Notes on Tsdat’s Quality Control Methods¶
In Tsdat, all variables are given a corollary quality control (QC) variable if QC tests for coordinates or data variables are run in a given pipeline. What this means that is data variables will not get a corollary QC variable if the respective QC blocks for “DATA_VARS” are commented out. The basic quality.yaml file that is given in the template is shown below:
managers:
#---------------------------------------------------------------
- name: Fail if missing coordinates
checker:
classname: tsdat.qc.checkers.CheckMissing
handlers:
- classname: tsdat.qc.handlers.FailPipeline
parameters:
context: Coordinate variables cannot be missing.
apply_to:
- COORDS
- name: Fail if monotonic coordinates
checker:
classname: tsdat.qc.checkers.CheckMonotonic
parameters:
require_increasing: true
handlers:
- classname: tsdat.qc.handlers.FailPipeline
parameters:
context: Coordinate variables must be strictly increasing.
apply_to:
- COORDS
#---------------------------------------------------------------
- name: Remove missing data
checker:
classname: tsdat.qc.checkers.CheckMissing
handlers:
- classname: tsdat.qc.handlers.RemoveFailedValues
- classname: tsdat.qc.handlers.RecordQualityResults
parameters:
bit: 1
assessment: bad
meaning: "Value is equal to _FillValue or NaN"
apply_to:
- DATA_VARS
- name: Flag data below minimum valid threshold
checker:
classname: tsdat.qc.checkers.CheckValidMin
handlers:
- classname: tsdat.qc.handlers.RecordQualityResults
parameters:
bit: 2
assessment: bad
meaning: "Value is less than the valid_min."
apply_to:
- DATA_VARS
- name: Flag data above maximum valid threshold
checker:
classname: tsdat.qc.checkers.CheckValidMax
handlers:
- classname: tsdat.qc.handlers.RecordQualityResults
parameters:
bit: 3
assessment: bad
meaning: "Value is greater than the valid_max."
apply_to:
- DATA_VARS
- A QC block consists of
the keyword “name”, simply the block’s description
the keyword “checker”, and an associated “classname” one line below it: the QC test to use.
the keyword “handler”, and an associated list of “classname”(s) (hence the extra hyphen in front of “classname”)
the keyword “apply_to”: this can be “COORDS”, “DATA_VARS”, or a list of variable names
These QC blocks can take additional parameters for more sophisticated QC algorithms. Customized “qc.py” files that require editable parameters can be set using the “parameters” keyword. In the QC block below, the QC class “CheckCorrelation” exists in the “<pipeline_name>/shared/qc.py” file. The classname is therefore set as “shared.qc.CheckCorrelation”.
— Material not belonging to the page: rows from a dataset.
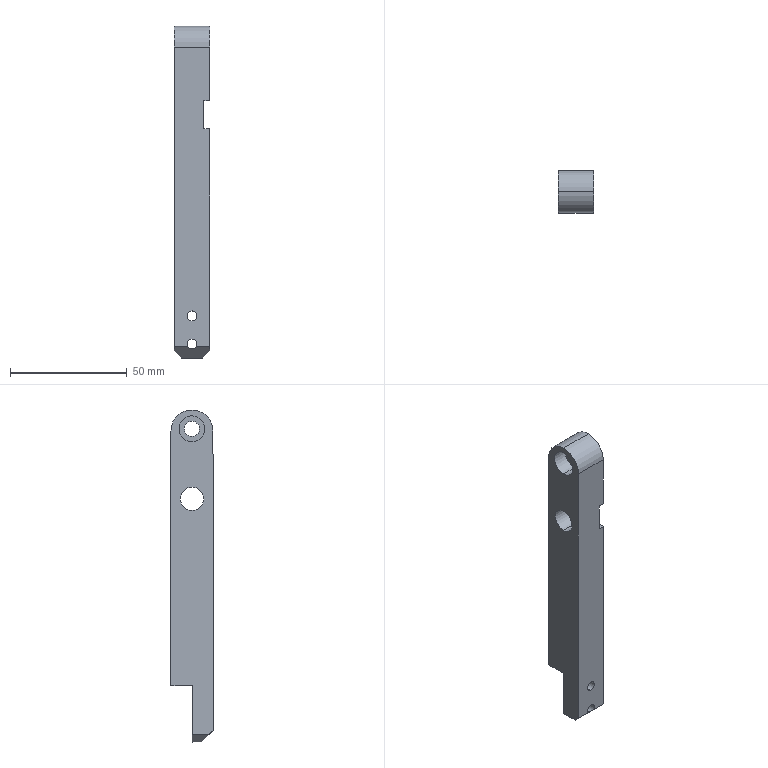Component | SolidWorks | ClampingArm2-1_A87-1 | 1 solid | 30 faces | box 15 x 18.04 x 142 mm | volume 31435 mm3 | plane 16 | cylinder 14 | commonest cylinder face diameters 4.2 x4 11 x2 14 x2 10 x2 6.5 x2 18 x2 | material S45C
STEP:
#1=COLOUR_RGB('',0.7922,0.8196,0.9333);
#2=FILL_AREA_STYLE_COLOUR('',#1);
#3=FILL_AREA_STYLE('',(#2));
#4=SURFACE_STYLE_FILL_AREA(#3);
#5=SURFACE_SIDE_STYLE('',(#4));
#6=SURFACE_STYLE_USAGE(.BOTH.,#5);
#7=PRESENTATION_STYLE_ASSIGNMENT((#6));
#8=CARTESIAN_POINT('',(-1.768,2.244,-5.964));
#9=VERTEX_POINT('',#8);
#10=CARTESIAN_POINT('',(-1.695,2.287,-6.008));
#11=VERTEX_POINT('',#10);
#12=CARTESIAN_POINT('',(-1.768,2.244,-5.964));
#13=CARTESIAN_POINT('',(-1.753,2.272,-5.992));
#14=CARTESIAN_POINT('',(-1.726,2.287,-6.008));
#15=CARTESIAN_POINT('',(-1.695,2.287,-6.008));
#16=(BOUNDED_CURVE()B_SPLINE_CURVE(3,(#12,#13,#14,#15),.UNSPECIFIED.,.F.,.F.)B_SPLINE_CURVE_WITH_KNOTS((4,4),(5.209,6.283),.UNSPECIFIED.)CURVE()GEOMETRIC_REPRESENTATION_ITEM()RATIONAL_B_SPLINE_CURVE((1.,0.9061,0.9061,1.))REPRESENTATION_ITEM(''));
#17=EDGE_CURVE('',#9,#11,#16,.T.);
#18=ORIENTED_EDGE('',*,*,#17,.T.);
#19=CARTESIAN_POINT('',(-1.695,2.599,-6.008));
#20=VERTEX_POINT('',#19);
#21=CARTESIAN_POINT('',(-1.695,2.599,-6.008));
#22=DIRECTION('',(-0.,1.,-0.0003333));
#23=VECTOR('',#22,39.37);
#24=LINE('',#21,#23);
#25=EDGE_CURVE('',#11,#20,#24,.T.);
#26=ORIENTED_EDGE('',*,*,#25,.T.);
#27=CARTESIAN_POINT('',(-1.695,2.599,-5.843));
#28=VERTEX_POINT('',#27);
#29=CARTESIAN_POINT('',(-1.695,2.599,-5.925));
#30=DIRECTION('',(-0.,1.,-0.0003333));
#31=DIRECTION('',(0.,0.0003333,1.));
#32=AXIS2_PLACEMENT_3D('',#29,#30,#31);
#33=CIRCLE('',#32,0.08268);
#34=EDGE_CURVE('',#20,#28,#33,.T.);
#35=ORIENTED_EDGE('',*,*,#34,.T.);
#36=CARTESIAN_POINT('',(-1.695,2.244,-5.842));
#37=VERTEX_POINT('',#36);
#38=CARTESIAN_POINT('',(-1.695,2.599,-5.843));
#39=DIRECTION('',(-0.,1.,-0.0003333));
#40=VECTOR('',#39,39.37);
#41=LINE('',#38,#40);
#42=EDGE_CURVE('',#37,#28,#41,.T.);
#43=ORIENTED_EDGE('',*,*,#42,.F.);
#44=CARTESIAN_POINT('',(-1.695,2.244,-5.925));
#45=DIRECTION('',(-0.,1.,-0.0003333));
#46=DIRECTION('',(0.,0.0003333,1.));
#47=AXIS2_PLACEMENT_3D('',#44,#45,#46);
#48=CIRCLE('',#47,0.08268);
#49=EDGE_CURVE('',#9,#37,#48,.T.);
#50=ORIENTED_EDGE('',*,*,#49,.F.);
#51=EDGE_LOOP('',(#18,#26,#35,#43,#50));
#52=FACE_OUTER_BOUND('',#51,.T.);
#53=CARTESIAN_POINT('',(-1.695,2.599,-5.925));
#54=DIRECTION('',(-0.,1.,-0.0003333));
#55=DIRECTION('',(0.,0.0003333,1.));
#56=AXIS2_PLACEMENT_3D('',#53,#54,#55);
#57=CYLINDRICAL_SURFACE('',#56,0.08268);
#58=ADVANCED_FACE('',(#52),#57,.F.);
#59=CARTESIAN_POINT('',(-1.695,2.244,-5.535));
#60=VERTEX_POINT('',#59);
#61=CARTESIAN_POINT('',(-1.695,2.244,-5.37));
#62=VERTEX_POINT('',#61);
#63=CARTESIAN_POINT('',(-1.695,2.244,-5.453));
#64=DIRECTION('',(-0.,1.,-0.0003333));
#65=DIRECTION('',(0.,0.0003333,1.));
#66=AXIS2_PLACEMENT_3D('',#63,#64,#65);
#67=CIRCLE('',#66,0.08268);
#68=EDGE_CURVE('',#60,#62,#67,.T.);
#69=ORIENTED_EDGE('',*,*,#68,.F.);
#70=CARTESIAN_POINT('',(-1.695,2.599,-5.535));
#71=VERTEX_POINT('',#70);
#72=CARTESIAN_POINT('',(-1.695,2.599,-5.535));
#73=DIRECTION('',(-0.,1.,-0.0003333));
#74=VECTOR('',#73,39.37);
#75=LINE('',#72,#74);
#76=EDGE_CURVE('',#60,#71,#75,.T.);
#77=ORIENTED_EDGE('',*,*,#76,.T.);
#78=CARTESIAN_POINT('',(-1.695,2.599,-5.37));
#79=VERTEX_POINT('',#78);
#80=CARTESIAN_POINT('',(-1.695,2.599,-5.453));
#81=DIRECTION('',(-0.,1.,-0.0003333));
#82=DIRECTION('',(0.,0.0003333,1.));
#83=AXIS2_PLACEMENT_3D('',#80,#81,#82);
#84=CIRCLE('',#83,0.08268);
#85=EDGE_CURVE('',#71,#79,#84,.T.);
#86=ORIENTED_EDGE('',*,*,#85,.T.);
#87=CARTESIAN_POINT('',(-1.695,2.599,-5.37));
#88=DIRECTION('',(-0.,1.,-0.0003333));
#89=VECTOR('',#88,39.37);
#90=LINE('',#87,#89);
#91=EDGE_CURVE('',#62,#79,#90,.T.);
#92=ORIENTED_EDGE('',*,*,#91,.F.);
#93=EDGE_LOOP('',(#69,#77,#86,#92));
#94=FACE_OUTER_BOUND('',#93,.T.);
#95=CARTESIAN_POINT('',(-1.695,2.599,-5.453));
#96=DIRECTION('',(-0.,1.,-0.0003333));
#97=DIRECTION('',(0.,0.0003333,1.));
#98=AXIS2_PLACEMENT_3D('',#95,#96,#97);
#99=CYLINDRICAL_SURFACE('',#98,0.08268);
#100=ADVANCED_FACE('',(#94),#99,.F.);
#101=CARTESIAN_POINT('',(-1.734,2.6,-1.102));
#102=VERTEX_POINT('',#101);
#103=CARTESIAN_POINT('',(-1.734,2.6,-0.6693));
#104=VERTEX_POINT('',#103);
#105=CARTESIAN_POINT('',(-1.734,2.6,-0.8858));
#106=DIRECTION('',(-1.,-0.,0.));
#107=DIRECTION('',(0.,0.0003333,1.));
#108=AXIS2_PLACEMENT_3D('',#105,#106,#107);
#109=CIRCLE('',#108,0.2165);
#110=EDGE_CURVE('',#102,#104,#109,.T.);
#111=ORIENTED_EDGE('',*,*,#110,.F.);
#112=CARTESIAN_POINT('',(-1.99,2.6,-1.102));
#113=VERTEX_POINT('',#112);
#114=CARTESIAN_POINT('',(-1.734,2.6,-1.102));
#115=DIRECTION('',(-1.,-0.,0.));
#116=VECTOR('',#115,39.37);
#117=LINE('',#114,#116);
#118=EDGE_CURVE('',#102,#113,#117,.T.);
#119=ORIENTED_EDGE('',*,*,#118,.T.);
#120=CARTESIAN_POINT('',(-1.99,2.6,-0.6693));
#121=VERTEX_POINT('',#120);
#122=CARTESIAN_POINT('',(-1.99,2.6,-0.8858));
#123=DIRECTION('',(-1.,-0.,0.));
#124=DIRECTION('',(0.,0.0003333,1.));
#125=AXIS2_PLACEMENT_3D('',#122,#123,#124);
#126=CIRCLE('',#125,0.2165);
#127=EDGE_CURVE('',#113,#121,#126,.T.);
#128=ORIENTED_EDGE('',*,*,#127,.T.);
#129=CARTESIAN_POINT('',(-1.734,2.6,-0.6693));
#130=DIRECTION('',(-1.,-0.,0.));
#131=VECTOR('',#130,39.37);
#132=LINE('',#129,#131);
#133=EDGE_CURVE('',#104,#121,#132,.T.);
#134=ORIENTED_EDGE('',*,*,#133,.F.);
#135=EDGE_LOOP('',(#111,#119,#128,#134));
#136=FACE_OUTER_BOUND('',#135,.T.);
#137=CARTESIAN_POINT('',(-1.734,2.6,-0.8858));
#138=DIRECTION('',(-1.,-0.,0.));
#139=DIRECTION('',(0.,0.0003333,1.));
#140=AXIS2_PLACEMENT_3D('',#137,#138,#139);
#141=CYLINDRICAL_SURFACE('',#140,0.2165);
#142=ADVANCED_FACE('',(#136),#141,.F.);
#143=CARTESIAN_POINT('',(-1.478,2.6,-0.6102));
#144=VERTEX_POINT('',#143);
#145=CARTESIAN_POINT('',(-1.478,2.6,-1.161));
#146=VERTEX_POINT('',#145);
#147=CARTESIAN_POINT('',(-1.478,2.6,-0.8858));
#148=DIRECTION('',(1.,0.,-0.));
#149=DIRECTION('',(0.,-0.0003333,-1.));
#150=AXIS2_PLACEMENT_3D('',#147,#148,#149);
#151=CIRCLE('',#150,0.2756);
#152=EDGE_CURVE('',#144,#146,#151,.T.);
#153=ORIENTED_EDGE('',*,*,#152,.F.);
#154=CARTESIAN_POINT('',(-1.4,2.6,-0.6102));
#155=VERTEX_POINT('',#154);
#156=CARTESIAN_POINT('',(-1.478,2.6,-0.6102));
#157=DIRECTION('',(1.,0.,-0.));
#158=VECTOR('',#157,39.37);
#159=LINE('',#156,#158);
#160=EDGE_CURVE('',#144,#155,#159,.T.);
#161=ORIENTED_EDGE('',*,*,#160,.T.);
#162=CARTESIAN_POINT('',(-1.4,2.6,-1.161));
#163=VERTEX_POINT('',#162);
#164=CARTESIAN_POINT('',(-1.4,2.6,-0.8858));
#165=DIRECTION('',(1.,0.,-0.));
#166=DIRECTION('',(0.,-0.0003333,-1.));
#167=AXIS2_PLACEMENT_3D('',#164,#165,#166);
#168=CIRCLE('',#167,0.2756);
#169=EDGE_CURVE('',#155,#163,#168,.T.);
#170=ORIENTED_EDGE('',*,*,#169,.T.);
#171=CARTESIAN_POINT('',(-1.478,2.6,-1.161));
#172=DIRECTION('',(1.,0.,-0.));
#173=VECTOR('',#172,39.37);
#174=LINE('',#171,#173);
#175=EDGE_CURVE('',#146,#163,#174,.T.);
#176=ORIENTED_EDGE('',*,*,#175,.F.);
#177=EDGE_LOOP('',(#153,#161,#170,#176));
#178=FACE_OUTER_BOUND('',#177,.T.);
#179=CARTESIAN_POINT('',(-1.478,2.6,-0.8858));
#180=DIRECTION('',(1.,0.,-0.));
#181=DIRECTION('',(0.,-0.0003333,-1.));
#182=AXIS2_PLACEMENT_3D('',#179,#180,#181);
#183=CYLINDRICAL_SURFACE('',#182,0.2756);
#184=ADVANCED_FACE('',(#178),#183,.F.);
#185=CARTESIAN_POINT('',(-1.99,2.6,-1.87));
#186=VERTEX_POINT('',#185);
#187=CARTESIAN_POINT('',(-1.99,2.6,-2.264));
#188=VERTEX_POINT('',#187);
#189=CARTESIAN_POINT('',(-1.99,2.6,-2.067));
#190=DIRECTION('',(1.,0.,-0.));
#191=DIRECTION('',(0.,-0.0003333,-1.));
#192=AXIS2_PLACEMENT_3D('',#189,#190,#191);
#193=CIRCLE('',#192,0.1969);
#194=EDGE_CURVE('',#186,#188,#193,.T.);
#195=ORIENTED_EDGE('',*,*,#194,.F.);
#196=CARTESIAN_POINT('',(-1.498,2.6,-1.87));
#197=VERTEX_POINT('',#196);
#198=CARTESIAN_POINT('',(-1.99,2.6,-1.87));
#199=DIRECTION('',(1.,0.,-0.));
#200=VECTOR('',#199,39.37);
#201=LINE('',#198,#200);
#202=EDGE_CURVE('',#186,#197,#201,.T.);
#203=ORIENTED_EDGE('',*,*,#202,.T.);
#204=CARTESIAN_POINT('',(-1.498,2.6,-2.264));
#205=VERTEX_POINT('',#204);
#206=CARTESIAN_POINT('',(-1.498,2.6,-2.067));
#207=DIRECTION('',(1.,0.,-0.));
#208=DIRECTION('',(0.,0.0003333,1.));
#209=AXIS2_PLACEMENT_3D('',#206,#207,#208);
#210=CIRCLE('',#209,0.1969);
#211=EDGE_CURVE('',#197,#205,#210,.T.);
#212=ORIENTED_EDGE('',*,*,#211,.T.);
#213=CARTESIAN_POINT('',(-1.99,2.6,-2.264));
#214=DIRECTION('',(1.,0.,-0.));
#215=VECTOR('',#214,39.37);
#216=LINE('',#213,#215);
#217=EDGE_CURVE('',#188,#205,#216,.T.);
#218=ORIENTED_EDGE('',*,*,#217,.F.);
#219=EDGE_LOOP('',(#195,#203,#212,#218));
#220=FACE_OUTER_BOUND('',#219,.T.);
#221=CARTESIAN_POINT('',(-1.99,2.6,-2.067));
#222=DIRECTION('',(1.,0.,-0.));
#223=DIRECTION('',(0.,-0.0003333,-1.));
#224=AXIS2_PLACEMENT_3D('',#221,#222,#223);
#225=CYLINDRICAL_SURFACE('',#224,0.1969);
#226=ADVANCED_FACE('',(#220),#225,.F.);
#227=CARTESIAN_POINT('',(-1.734,2.6,-0.7579));
#228=VERTEX_POINT('',#227);
#229=CARTESIAN_POINT('',(-1.734,2.6,-1.014));
#230=VERTEX_POINT('',#229);
#231=CARTESIAN_POINT('',(-1.734,2.6,-0.8858));
#232=DIRECTION('',(1.,0.,-0.));
#233=DIRECTION('',(0.,0.0003333,1.));
#234=AXIS2_PLACEMENT_3D('',#231,#232,#233);
#235=CIRCLE('',#234,0.128);
#236=EDGE_CURVE('',#228,#230,#235,.T.);
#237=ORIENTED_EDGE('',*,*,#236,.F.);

The “exclude” keyword can be used to exclude certain variables from a QC test, and is typically needed for variables that are not numeric, i.e. chars and strings.
Also know that whitespace is not critical for yaml files, and it is good to be consistent with however yours is set.
- name: Flag data below correlation threshold
checker:
classname: shared.qc.CheckCorrelation
parameters:
correlation_threshold: 30
handlers:
- classname: tsdat.qc.handlers.RemoveFailedValues
- classname: tsdat.qc.handlers.RecordQualityResults
parameters:
bit: 4
assessment: bad
meaning: "Value is less than correlation threshold"
apply_to: [vel, corr, amp]
exclude: [vel_bt]
Finally, it’s important to go over the parameters required for RecordQualityResults
,
which is the built-in function that all QC blocks should use to record the QC test results.
It takes 4 parameters: “bit”, “assessment”, and “meaning”. These parameters are turned into variable attributes in the pipeline output dataset: “flag_mask”, “flag_assessment”, and “flag_meaning”, respectively.
“Bit” is shorthand for the QC bit, which is defined sequentially starting from 1 to “n”, depending on how many tests a pipeline has. The “flag_mask” is calculated as 2^{bit-1}. So for the bits 1, 2, 3, and 4, the associated flag masks will be 1, 2, 4, and 8. If a flag has the value 13, then that means it failed the tests associated with flag masks 1, 4, and 8 (1 + 4 + 8 = 13), which are QC bits 1, 3, and 4. This scheme works because any addition of the flag masks can only come from a unique set of QC bits.
“Assessment” is one of two terms: “bad” or “indeterminate”. This simply flags if the test that failed did so because the datapoint is of bad quality or if it may be cause for concern.
“Meaning” is the description of the failure. This is a short statement of which test failed, and “flag_meaning” is listed in the same order as “flag_masks”.